É urgente revogar a integralidade das leis 13.429, 13.467, 13.874, as Emendas Constitucionais 95 e 103. Mas é também urgente exigir que se reconheça o dever de motivação da despedida, o direito fundamental à relação de emprego, o fim de todas as formas de terceirização. É necessário que se discuta, como já fazem outros países, a redução da jornada de 8h, acabando com qualquer possibilidade de extensão para além desse limite perverso. É preciso que se restabeleçam critérios de juros e correção monetária, que efetivamente reponham a perda em relação aos créditos trabalhistas. É necessário acabar de vez com qualquer forma de prescrição de crédito alimentar. É urgente que se elimine, definitivamente, a possibilidade de conciliação que implique renúncia e contenha cláusula de vedação de acesso à justiça, como a tal “quitação de contrato”. É preciso reconhecer a função das partes em audiência, para ultrapassar compreensões distorcidas do texto legal que permitam às empresas levarem atores/atrizes para as salas de audiência, pessoas completamente estranhas à relação social de trabalho, que estudaram documentos para serem arguidas, como se estivessem em uma prova de concurso, e não depondo sobre fatos relevantes para a análise de situações que atingem diretamente a vida de trabalhadoras e trabalhadores. É necessário levar a sério normas de segurança da saúde de quem trabalha. É preciso entender a importância da garantia de uma execução de crédito alimentar.
A lei 13.467, com todo o potencial destrutivo que possui e que tem se materializado em entendimentos e decisões que fazem da ação judicial uma alternativa rejeitada pela maioria de quem sofre danos em uma relação de trabalho, não é – nem de perto – o pior dos nossos problemas, caso ousemos construir uma realidade de compromisso com a ordem jurídica fundada na dignidade humana. E não estou falando de atos revolucionários ou de mudanças estruturais que, sem dúvida alguma, também precisam ser enunciadas e discutidas com seriedade, afinal chegamos a um ponto de esgotamento ecológico dessa forma de sociabilidade.

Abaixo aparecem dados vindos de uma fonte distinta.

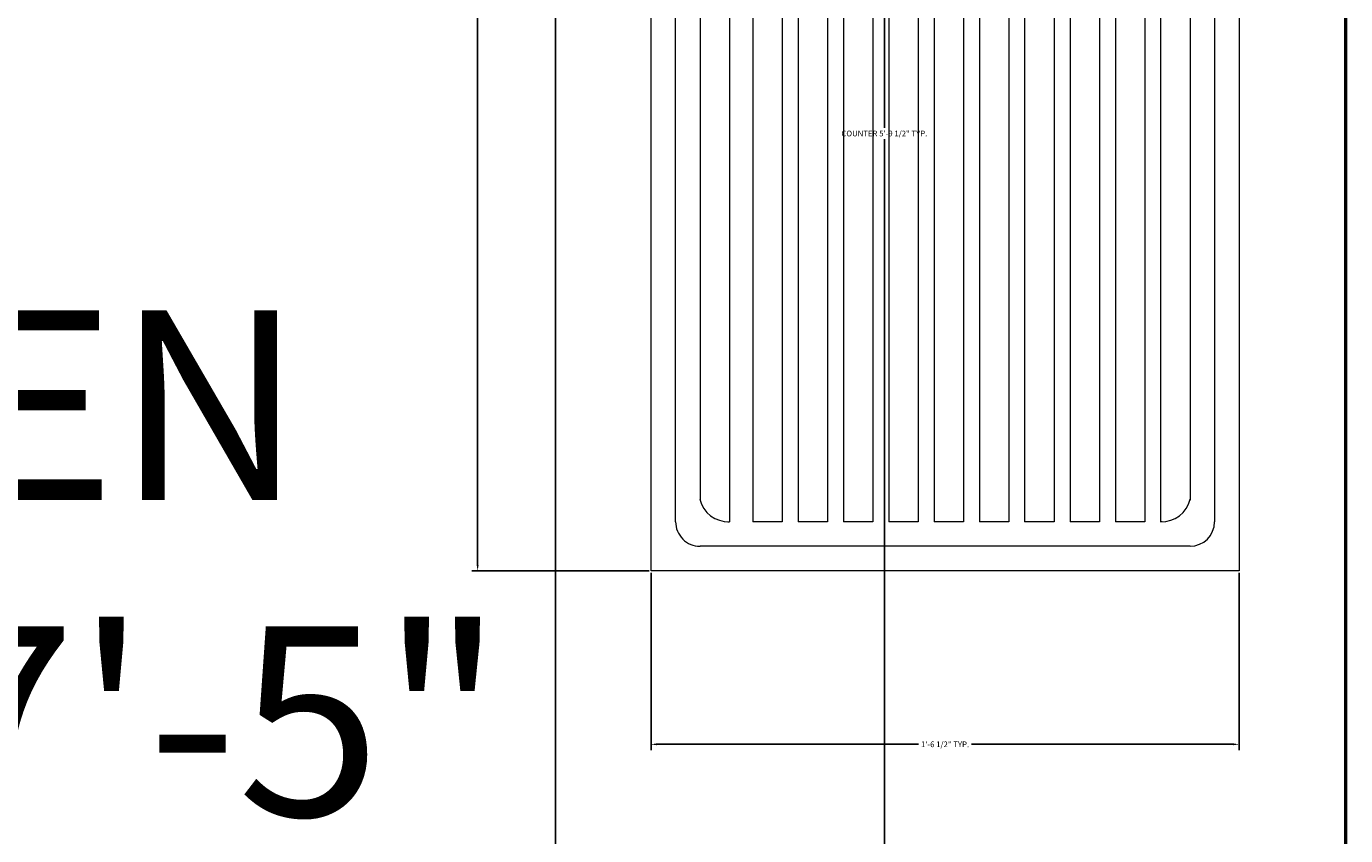
# Model space of a CAD drawing. Units: inches. Extents: x -173 to 545, y -746 to 104.
# Tile 27 of 32: x 219 to 261, y -69 to -43. Entities that reach past the tile are written whole.
import ezdxf

# ---------------------------------------------------------------- set-up
doc = ezdxf.new("R2010")
doc.units = ezdxf.units.IN
doc.header["$MEASUREMENT"] = 0
for name, color, linetype, lineweight in [('A-ANNO-DIMS', 2, 'Continuous', 18), ('A-AREA-IDEN', 7, 'Continuous', 18), ('A-FLOR-CASE', 9, 'Continuous', 25), ('A-FLOR-FIXT', 8, 'Continuous', 18), ('A-WALL', 7, 'Continuous', 50)]:
    doc.layers.add(name, color=color, linetype=linetype, lineweight=lineweight)
doc.styles.get("Standard").update_dxf_attribs({"font": 'arial.ttf'})
doc.dimstyles.get("Standard").update_dxf_attribs({"dimtxt": 0.18, "dimasz": 0.18, "dimexe": 0.18, "dimexo": 0.0625, "dimgap": 0.09, "dimtad": 0, "dimtih": 1, "dimtoh": 1, "dimdec": 0, "dimzin": 0, "dimdsep": 46, "dimlunit": 3, "dimtxsty": 'Standard', "dimcen": 0.09, "dimadec": 0, "dimazin": 0, "dimtfac": 1, "dimtdec": 0, "dimtofl": 0, "dimtmove": 0, "dimatfit": 3, "dimfxl": 1, "dimtolj": 1, "dimtzin": 0, "dimarcsym": 0})

# ---------------------------------------------------------------- blocks, each defined once
blk = doc.blocks.new('М11 540х1060')
for p, q in [((-1062, 540), (0, 540)), ((-1062, 0), (-1062, 540)), ((0, 540), (0, 0)), ((-1017, 517.5), (-45, 517.5)), ((-1039.5, 45), (-1039.5, 495)), ((-990, 495), (-589.5, 495)), ((-543.7, 495), (-64.8, 495)), ((-22.5, 495), (-22.5, 45)), ((-1017, 72), (-1017, 468)), ((-562.5, 72), (-562.5, 468)), ((-535.7, 468), (-45, 468)), ((-45, 469.5), (-45, 468)), ((-535.7, 453.4), (-45, 453.4)), ((-535.7, 453.4), (-535.7, 426.4)), ((-45, 453.4), (-45, 426.4)), ((-535.7, 426.4), (-45, 426.4)), ((-535.7, 411.8), (-535.7, 384.8)), ((-535.7, 411.8), (-45, 411.8)), ((-45, 411.8), (-45, 384.8)), ((-535.7, 384.8), (-45, 384.8)), ((-535.7, 370.1), (-535.7, 343.1)), ((-535.7, 370.1), (-45, 370.1)), ((-45, 370.1), (-45, 343.1)), ((-535.7, 343.1), (-45, 343.1)), ((-535.7, 328.5), (-535.7, 301.5)), ((-535.7, 328.5), (-45, 328.5)), ((-45, 328.5), (-45, 301.5)), ((-535.7, 301.5), (-45, 301.5)), ((-535.7, 286.9), (-535.7, 259.9)), ((-535.7, 286.9), (-45, 286.9)), ((-45, 286.9), (-45, 259.9)), ((-535.7, 259.9), (-45, 259.9)), ((-535.7, 245.3), (-535.7, 218.3)), ((-535.7, 245.3), (-45, 245.3)), ((-45, 245.3), (-45, 218.3)), ((-535.7, 218.3), (-45, 218.3)), ((-535.7, 203.6), (-535.7, 176.6)), ((-535.7, 203.6), (-45, 203.6)), ((-45, 203.6), (-45, 176.6)), ((-535.7, 176.6), (-45, 176.6)), ((-535.7, 162), (-45, 162)), ((-535.7, 162), (-535.7, 135)), ((-45, 162), (-45, 135)), ((-535.7, 135), (-45, 135)), ((-535.7, 120.4), (-45, 120.4)), ((-535.7, 120.4), (-535.7, 93.4)), ((-45, 120.4), (-45, 93.4)), ((-535.7, 93.4), (-45, 93.4)), ((-535.7, 72), (-45, 72)), ((-535.7, 72), (-535.7, 67.5)), ((-45, 70.5), (-45, 72)), ((-589.5, 45), (-990, 45)), ((-543.7, 45), (-64.8, 45)), ((-45, 22.5), (-1017, 22.5)), ((0, 0), (-1062, 0))]:
    blk.add_line(p, q)
for centre, major_axis, start_param, end_param in [((-1017, 495), (-15.9, 15.9), -0.785398, 0.785398), ((-45, 495), (15.9, 15.9), 5.497787, 7.068583), ((-990, 468), (19.1, 19.1), 0.785398, 2.356194), ((-589.5, 468), (-19.1, 19.1), 3.926991, 5.497787), ((-585.2, 468), (-35, 35), 3.926991, 4.503922), ((-72.3, 468.8), (-19.3, 19.3), 3.899365, 5.250385), ((-787.5, 270), (-19.1, 19.1), 3.926991, 10.210176), ((-787.5, 270), (-15.9, 15.9), 3.926991, 10.210176), ((-990, 72), (-19.1, 19.1), 0.785398, 2.356194), ((-589.5, 72), (19.1, 19.1), 3.926991, 5.497787), ((-585.2, 72), (35, 35), 4.920856, 5.497787), ((-72.3, 71.2), (19.3, 19.3), 4.174393, 5.525413), ((-1017, 45), (15.9, 15.9), 2.356194, 3.926991), ((-45, 45), (-15.9, 15.9), 2.356194, 3.926991)]:
    blk.add_ellipse(centre, major_axis=major_axis, ratio=1, start_param=start_param, end_param=end_param)
blk = doc.blocks.new('COUNTER-L-RETURN')
blk.add_line((66, 0), (66, 69.362))
blk = doc.blocks.new('*D42')
at = {"layer": 'A-ANNO-DIMS', "color": 0, "lineweight": -2, "transparency": 16777216}
for p, q in [((238.763, -23.923), (233.157, -23.923)), ((233.337, -24.103), (233.337, -42.033)), ((233.337, -60.33), (233.337, -42.4)), ((238.763, -60.51), (233.157, -60.51))]:
    blk.add_line(p, q, dxfattribs=at)
at = {"layer": 'A-ANNO-DIMS', "color": 0, "transparency": 16777216}
for points in [[(233.307, -24.103), (233.367, -24.103), (233.337, -23.923)], [(233.307, -60.33), (233.367, -60.33), (233.337, -60.51)]]:
    blk.add_solid(points, dxfattribs=at)
at = {"layer": 'Defpoints', "color": 0, "transparency": 16777216}
for p in [(238.825, -23.923), (233.337, -60.51), (238.825, -60.51)]:
    blk.add_point(p, dxfattribs=at)
at = {"layer": 'A-ANNO-DIMS', "color": 0, "transparency": 16777216, "insert": (233.337, -42.217), "char_height": 0.18, "attachment_point": 5}
blk.add_mtext('\\A1;SINK 3\'-0 1/2" TYP.', dxfattribs=at)
blk = doc.blocks.new('*D43')
at = {"layer": 'A-ANNO-DIMS', "color": 0, "lineweight": -2, "transparency": 16777216}
for p, q in [((238.825, -60.573), (238.825, -66.179)), ((257.429, -60.573), (257.429, -66.179)), ((239.005, -65.999), (247.288, -65.999)), ((257.249, -65.999), (248.967, -65.999))]:
    blk.add_line(p, q, dxfattribs=at)
at = {"layer": 'A-ANNO-DIMS', "color": 0, "transparency": 16777216}
for points in [[(239.005, -65.969), (239.005, -66.029), (238.825, -65.999)], [(257.249, -65.969), (257.249, -66.029), (257.429, -65.999)]]:
    blk.add_solid(points, dxfattribs=at)
at = {"layer": 'Defpoints', "color": 0, "transparency": 16777216}
for p in [(238.825, -60.51), (257.429, -60.51), (257.429, -65.999)]:
    blk.add_point(p, dxfattribs=at)
at = {"layer": 'A-ANNO-DIMS', "color": 0, "transparency": 16777216, "insert": (248.127, -65.999), "char_height": 0.18, "attachment_point": 5}
blk.add_mtext('\\A1;1\'-6 1/2" TYP.', dxfattribs=at)
blk = doc.blocks.new('*D76')
at = {"layer": 'A-ANNO-DIMS', "color": 0, "lineweight": -2, "transparency": 16777216}
for p, q in [((235.864, -12), (246.386, -12)), ((246.206, -12.18), (246.206, -46.498)), ((246.206, -81.182), (246.206, -46.864)), ((235.864, -81.362), (246.386, -81.362))]:
    blk.add_line(p, q, dxfattribs=at)
at = {"layer": 'A-ANNO-DIMS', "color": 0, "transparency": 16777216}
for points in [[(246.176, -12.18), (246.236, -12.18), (246.206, -12)], [(246.176, -81.182), (246.236, -81.182), (246.206, -81.362)]]:
    blk.add_solid(points, dxfattribs=at)
at = {"layer": 'Defpoints', "color": 0, "transparency": 16777216}
for p in [(235.801, -12), (246.206, -12), (235.801, -81.362)]:
    blk.add_point(p, dxfattribs=at)
at = {"layer": 'A-ANNO-DIMS', "color": 0, "transparency": 16777216, "insert": (246.206, -46.681), "char_height": 0.18, "attachment_point": 5}
blk.add_mtext('\\A1;COUNTER 5\'-9 1/2" TYP.', dxfattribs=at)

msp = doc.modelspace()

# ---------------------------------------------------------------- linework, layer by layer
at = {"layer": 'A-WALL'}
msp.add_line((260.801, 7.638), (260.801, -81.362), dxfattribs=at)

# ---------------------------------------------------------------- block references
at = {"layer": 'A-FLOR-CASE'}
msp.add_blockref('COUNTER-L-RETURN', (169.801, -81.362), dxfattribs=at)
at = {"layer": 'A-FLOR-FIXT', "xscale": 0.0344518369672997, "yscale": 0.0344518369672997, "zscale": 0.0344518369672997, "rotation": 270}
msp.add_blockref('М11 540х1060', (238.825, -60.51), dxfattribs=at)

# ---------------------------------------------------------------- texts
at = {"layer": 'A-AREA-IDEN', "insert": (193.303, -52.27), "char_height": 6, "attachment_point": 1}
msp.add_mtext('KITCHEN\\P7\'-7"X7\'-5"', dxfattribs=at)

# ---------------------------------------------------------------- dimensions: what is measured, and where the dimension line sits
at = {"layer": 'A-ANNO-DIMS'}
for base, p1, p2, angle, text, picture, middle in [((246.206, -12), (235.801, -81.362), (235.801, -12), 90, 'COUNTER <> TYP.', '*D76', (246.206, -46.681)), ((233.337, -60.51), (238.825, -23.923), (238.825, -60.51), 270, 'SINK <> TYP.', '*D42', (233.337, -42.217))]:
    dim = msp.add_linear_dim(base=base, p1=p1, p2=p2, angle=angle, text=text, dimstyle='Standard', override={"dimdec": 1, "dimlfac": 1, "dimrnd": 0, "dimzin": 1, "dimdsep": 46, "dimlunit": 4, "dimfrac": 2}, dxfattribs=at)
    dim.commit()
    dim.dimension.update_dxf_attribs({"geometry": picture, "text_midpoint": middle})
dim = msp.add_linear_dim(base=(257.429, -65.999), p1=(238.825, -60.51), p2=(257.429, -60.51), text='<> TYP.', dimstyle='Standard', override={"dimdec": 1, "dimlfac": 1, "dimrnd": 0, "dimzin": 1, "dimdsep": 46, "dimlunit": 4, "dimfrac": 2}, dxfattribs=at)
dim.commit()
dim.dimension.update_dxf_attribs({"geometry": '*D43', "text_midpoint": (248.127, -65.999)})

doc.saveas('drawing.dxf')

“Eu quero ser feliz agora” deve ser o subtítulo de uma campanha que busque a revogação de leis inconstitucionais, mas que também pretenda uma profunda mudança no discurso legislativo e judicial. Do contrário, estaremos apenas servindo para que uma vez mais movimentos legítimos sejam transformados em argumento de (falsa) composição de interesses. Já tem gente por aí dizendo que, se “não for possível a revogação integral”, que discutamos a alteração de alguns dispositivos da “reforma”. Ora, isso significa perder de saída, negar a própria luta, capitular antes mesmo da disputa. Para isso, não precisa encontro, não servem reflexões mais profundas, nenhum movimento. Basta uma mesa, alguns homens de terno, um aperto de mãos e o Direito do Trabalho seguirá sendo, na prática, a negação reiterada de sua própria razão de existência.
Valdete Souto Severo é juíza do trabalho e professora universitária.